Undocumented immigrants sit in a yard guarded by Libyan police in Tripoli
Undocumented immigrants sit in a yard guarded by Libyan police in Tripoli
Frédéric Bobin

GARABULLI — Two unfinished houses on the sand, facing a Mediterranean sea in shades of grey. So this is where they left from.

According to various Libyan sources, the vessel carrying more than 800 people left Libya on what became its fateful crossing between Saturday April 18 and Sunday 19 from this long stretch of weed-spotted beach in Garabulli, about 30 kilometers east of Tripoli.

Together with Zuwara, Sabratha, Zawiya, Al-Khums and Zliten, this is one of the boarding bases for boats out of Tripolitania, the area around the capital, heading towards Italy and its deadly mirages.

To reach Garabulli, you first need to cross a checkpoint and pass a pickup truck spiked with machine guns. The atmosphere is highly-charged just days after fights between local militias, growing more commonplace as Libya sinks into chaos. Past the checkpoint, you need to take bumpy roads eaten by the sand where flocks of sheep sometimes cross. Then suddenly, the desolate coast appears with these wrecked dumps that serve as night-time shelters before the great departure.

Abdoul Malik Mohamed’s trousers are stained with white paint. The young Nigerien works in Garabulli. He arrived in Libya in 2014 after having crossed the desert, guided by smugglers. "There were about 15 of us," he says. "Four-wheel drives transported us from Agadez in Niger to Sabha in Libya, and from Sabha to Tripoli. Our smugglers were Nigeriens and Libyans."

In Garabulli, Abdoul Malik Mohamed found a job working on the construction site of a seaside resort. It is a slightly surreal setting of varnished huts surrounded by high grass, owned by locals who want to turn it into a vacation haven for Tripoli’s wealthy families.

But the young Nigerien sees something else when he looks north. Pointing his finger towards the sea, he remembers the day last summer. "There were bodies everywhere on the beach, we couldn’t even count them anymore."

Sitting next to him, his brother Abdoulaye Mohamed does mention a figure. "There were 250," he says. Garabulli, the gateway to the sea of death.

Day labor

The two Nigeriens are the other side of African immigration in Libya. They have no intention to attempt the perilous adventure to Europe. They’re here to make a bit of money in a country that used to be a gold mine for day laborers and which, despite the chaos, continues to offer odd jobs.

In all towns and cities around the capital region, migrant workers are everywhere. You can see them working on the roads, paving the sidewalks, washing cars, cleaning shop windows, building houses. They earn up to 600 or 700 dinars per month ($500 dollars).

For many immigrants from Nigeria, Ghana and Senegal, this money is saved to pay for their crossing of the Mediterranean. But for those from Niger, a neighboring country they can return to easily, Libya is an end in itself, a simple source of revenue before they go back. "We’ll return home to Niger in six months, no doubt about that," says Abdoulaye Mohamed. "It’s too dangerous! I’ll never let my brother go to Europe."

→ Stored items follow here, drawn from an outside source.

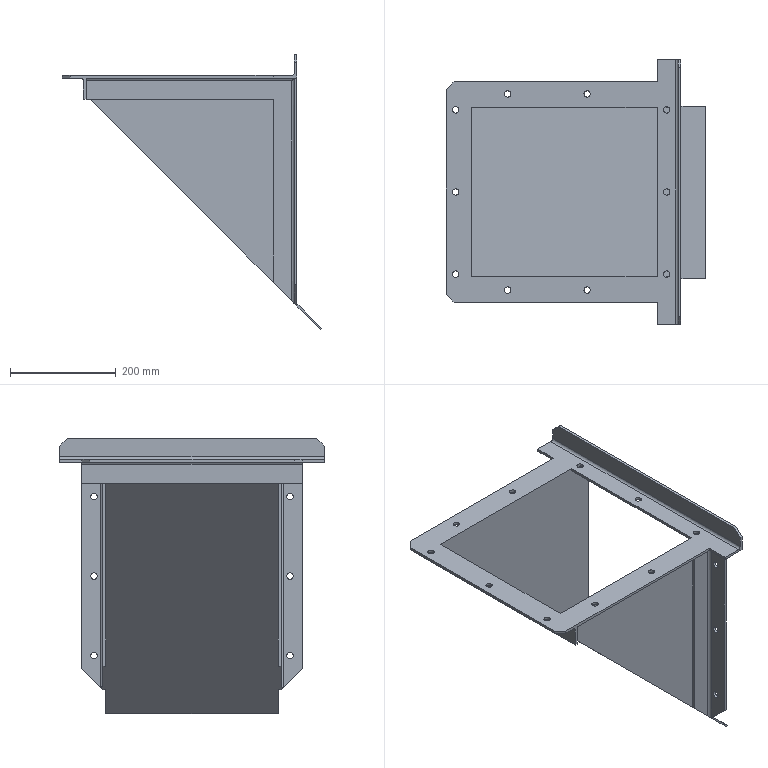Component | SolidWorks | Inlet-1 | 1 solid | 87 faces | box 489.99 x 500 x 519.87 mm | volume 2237972 mm3 | plane 49 | cylinder 38 | commonest cylinder face diameters 12 x32 10 x6
build123d program:
from build123d import *

# Parameters (mm, degrees)
BOSS_EXTRUDE1_DEPTH = 163
SHELL1_T            = -3
BOSS_EXTRUDE2_DEPTH = 208
BOSS_EXTRUDE3_DEPTH = 398
BOSS_EXTRUDE4_START = -3
BOSS_EXTRUDE4_DEPTH = 326
BOSS_EXTRUDE5_DEPTH = 250
BOSS_EXTRUDE6_REACH = 592.351
CHAMFER1_SIZE       = 15
CUT_EXTRUDE1_DEPTH  = 500
SKETCH8_R           = 6
CUT_EXTRUDE2_DEPTH  = 500
CHAMFER2_SIZE       = 15
SKETCH9_R           = 6
CUT_EXTRUDE3_DEPTH  = 10


with BuildPart() as part:
    # Sketch1 → Boss-Extrude1 (new, symmetric)
    with BuildSketch(Plane.XY):
        Polygon((-199, 0), (-199, -37), (199, -435), (199, 0), align=None)
    extrude(amount=BOSS_EXTRUDE1_DEPTH, both=True)

    # Shell1
    shell1_openings = [part.faces().sort_by_distance(p)[0] for p in [
        (199, -217.5, 0),
        (0, 0, 0),
    ]]
    offset(amount=SHELL1_T, openings=shell1_openings, kind=Kind.INTERSECTION)

    # Sketch2 → Boss-Extrude2 (add, symmetric)
    with BuildSketch(Plane.XY):
        with BuildLine():
            Line((-199, 0), (-244, 0))
            Line((-244, 0), (-244, -5))
            Line((-244, -5), (-209, -5))
            ThreePointArc((-209, -5), (-205.464, -6.464), (-204, -10))
            Line((-204, -10), (-204, -45))
            Line((-204, -45), (-199, -45))
            Line((-199, -45), (-199, 0))
        make_face()
    extrude(amount=BOSS_EXTRUDE2_DEPTH, both=True)

    # Sketch3 → Boss-Extrude3 (add)
    with BuildSketch(Plane(origin=(-199, 0, 0), x_dir=(0, 0, -1), z_dir=(1, 0, 0))):
        with BuildLine():
            Line((-208, 0), (-163, 0))
            Line((-163, 0), (-163, -45))
            Line((-163, -45), (-168, -45))
            Line((-168, -45), (-168, -10))
            ThreePointArc((-168, -10), (-169.464, -6.464), (-173, -5))
            Line((-173, -5), (-208, -5))
            Line((-208, -5), (-208, 0))
        make_face()
        with BuildLine():
            Line((208, -5), (208, 0))
            Line((208, 0), (163, 0))
            Line((163, 0), (163, -45))
            Line((163, -45), (168, -45))
            Line((168, -45), (168, -10))
            ThreePointArc((168, -10), (169.464, -6.464), (173, -5))
            Line((173, -5), (208, -5))
        make_face()
    extrude(amount=BOSS_EXTRUDE3_DEPTH)

    # Sketch4 → Boss-Extrude4 (add)
    with BuildSketch(Plane.XY.offset(-160).offset(BOSS_EXTRUDE4_START)):
        Polygon((188.334, -424.334), (243.871, -479.871), (245.992, -477.749), (190.456, -422.213), align=None)
    extrude(amount=BOSS_EXTRUDE4_DEPTH)

    # Sketch5 → Boss-Extrude5 (add, symmetric)
    with BuildSketch(Plane.XY):
        with BuildLine():
            Line((154, 0), (154, -5))
            Line((154, -5), (199, -5))
            Line((199, -5), (199, 40))
            Line((199, 40), (194, 40))
            Line((194, 40), (194, 5))
            ThreePointArc((194, 5), (192.536, 1.464), (189, 0))
            Line((189, 0), (154, 0))
        make_face()
    extrude(amount=BOSS_EXTRUDE5_DEPTH, both=True)

    # Boss-Extrude6: up to this plane
    boss_extrude6_end = Plane(origin=(-199, -37, 163), z_dir=(0.7071, 0.7071, 0))
    # Sketch6 → Boss-Extrude6 (add, up to the surface)
    with BuildSketch(Plane.XZ.offset(5), mode=Mode.PRIVATE) as boss_extrude6_sk1:
        with BuildLine():
            Line((154, 163), (199, 163))
            Line((199, 163), (199, 208))
            Line((199, 208), (194, 208))
            Line((194, 208), (194, 173))
            ThreePointArc((194, 173), (192.536, 169.464), (189, 168))
            Line((189, 168), (154, 168))
            Line((154, 168), (154, 163))
        make_face()
    boss_extrude6_tool1 = split(extrude(boss_extrude6_sk1.sketch, amount=BOSS_EXTRUDE6_REACH, mode=Mode.PRIVATE), bisect_by=boss_extrude6_end, keep=Keep.BOTH, mode=Mode.PRIVATE)
    add(boss_extrude6_tool1.solids().sort_by_distance((176.5, -5, 163.636))[0])
    # Sketch6 → Boss-Extrude6 (add, up to the surface)
    with BuildSketch(Plane.XZ.offset(5), mode=Mode.PRIVATE) as boss_extrude6_sk2:
        with BuildLine():
            Line((154, -168), (154, -163))
            Line((154, -163), (199, -163))
            Line((199, -163), (199, -208))
            Line((199, -208), (194, -208))
            Line((194, -208), (194, -173))
            ThreePointArc((194, -173), (192.536, -169.464), (189, -168))
            Line((189, -168), (154, -168))
        make_face()
    boss_extrude6_tool2 = split(extrude(boss_extrude6_sk2.sketch, amount=BOSS_EXTRUDE6_REACH, mode=Mode.PRIVATE), bisect_by=boss_extrude6_end, keep=Keep.BOTH, mode=Mode.PRIVATE)
    add(boss_extrude6_tool2.solids().sort_by_distance((154.636, -5, -165.5))[0])

    # Chamfer1
    chamfer1_edges = [part.edges().sort_by_distance(p)[0] for p in [
        (196.5, 40, -250),
        (196.5, 40, 250),
    ]]
    chamfer(chamfer1_edges, length=CHAMFER1_SIZE)

    # Sketch7 → Cut-Extrude1 (cut)
    with BuildSketch(Plane.ZY.offset(-194)):
        Polygon((-168, -435), (-208, -395), (-208, -435), align=None)
        Polygon((208, -435), (168, -435), (208, -395), align=None)
    extrude(amount=-CUT_EXTRUDE1_DEPTH, mode=Mode.SUBTRACT)

    # Sketch8 → Cut-Extrude2 (cut)
    with BuildSketch(Plane.ZY.offset(-194)):
        with Locations((-185, -70)):
            Circle(SKETCH8_R)
        with Locations((-185, -370)):
            Circle(SKETCH8_R)
        with Locations((-185, -220)):
            Circle(SKETCH8_R)
        with Locations((185, -370)):
            Circle(SKETCH8_R)
        with Locations((185, -220)):
            Circle(SKETCH8_R)
        with Locations((185, -70)):
            Circle(SKETCH8_R)
    extrude(amount=-CUT_EXTRUDE2_DEPTH, mode=Mode.SUBTRACT)

    # Chamfer2
    chamfer2_edges = [part.edges().sort_by_distance(p)[0] for p in [
        (-244, -2.5, -208),
        (-244, -2.5, 208),
    ]]
    chamfer(chamfer2_edges, length=CHAMFER2_SIZE)

    # Sketch9 → Cut-Extrude3 (cut)
    with BuildSketch(Plane(origin=(0, 0, 0), x_dir=(1, 0, 0), z_dir=(0, 1, 0))):
        with Locations(Location((172, -155, 0), (0, 0, 236.443))):
            Circle(SKETCH9_R)
        with Locations(Location((-226, 0, 0), (0, 0, 180))):
            Circle(SKETCH9_R)
        with Locations(Location((172, 155, 0), (0, 0, 123.557))):
            Circle(SKETCH9_R)
        with Locations(Location((-128, 185, 0), (0, 0, 180))):
            Circle(SKETCH9_R)
        with Locations(Location((22, 185, 0), (0, 0, 180))):
            Circle(SKETCH9_R)
        with Locations(Location((172, 0, 0), (0, 0, 270))):
            Circle(SKETCH9_R)
        with Locations(Location((22, -185, 0), (0, 0, 270))):
            Circle(SKETCH9_R)
        with Locations(Location((-128, -185, 0), (0, 0, 270))):
            Circle(SKETCH9_R)
        with Locations(Location((-226, 155, 0), (0, 0, 180))):
            Circle(SKETCH9_R)
        with Locations(Location((-226, -155, 0), (0, 0, 180))):
            Circle(SKETCH9_R)
    extrude(amount=-CUT_EXTRUDE3_DEPTH, mode=Mode.SUBTRACT)


solid = part.part

# Placed as in the assembly
solid = solid.moved(Location((-762, 0, 240), (90, 0, 0)))

His brother Abdoul Malik has no intention of making the crossing either. "I’ll never go, I’m afraid I’ll die," he says, remembering again what he saw last summer.

Thirty kilometers away, dusk falls on Tripoli. The city is surprisingly empty. Cars drive along the seafront road, lined with buildings of Italian-style architecture. But the small number of vehicles is troubling in a capital city that used to be clogged up in traffic. Tripoli has become an unstable and unpredictable city. Nights are chilly with gusts of machine gun fire that tear up the thick silence, a mournful ritual that ended up emptying the city of part of its population.

Rising violence

In a dusty back alley, Yaya Moussa sweeps between the cardboard boxes and plastic bags littering the ground. The fabric shops are closing, vans are loading up bundles of fabric. Moussa cuts a fine figure in his yellow uniform. He is also from Niger. But unlike many of his fellow countrymen, he’s not so sure he’s given up on the idea of going to Europe altogether. "If the opportunity arises, why not?," he says. His friend Al-Hussaini Gumar, dressed in an AC Milan soccer jersey, says instead that it's too dangerous.

While they wait for a European adventure or a return home, how long will the two Nigeriens stay in Tripoli? The atmosphere is growing more inhospitable by the day. Not to mention that they have stopped receiving their wages. "We haven’t been paid in five months," Moussa says.

The lack of wages is a key detail that says much about the relentless exhaustion of the resources of a country that used to benefit a lot from oil revenues. And there’s the surrounding violence they can no longer ignore. "When fights erupt in Tripoli, sometimes migrants die because of stray bullets."

So, what should they do: flee back home in the face of danger or stay to earn a bit more for their family? And there is always the beach, which stares at them with the opportunity of a better life in Europe, or an anonymous death, like so many who left before.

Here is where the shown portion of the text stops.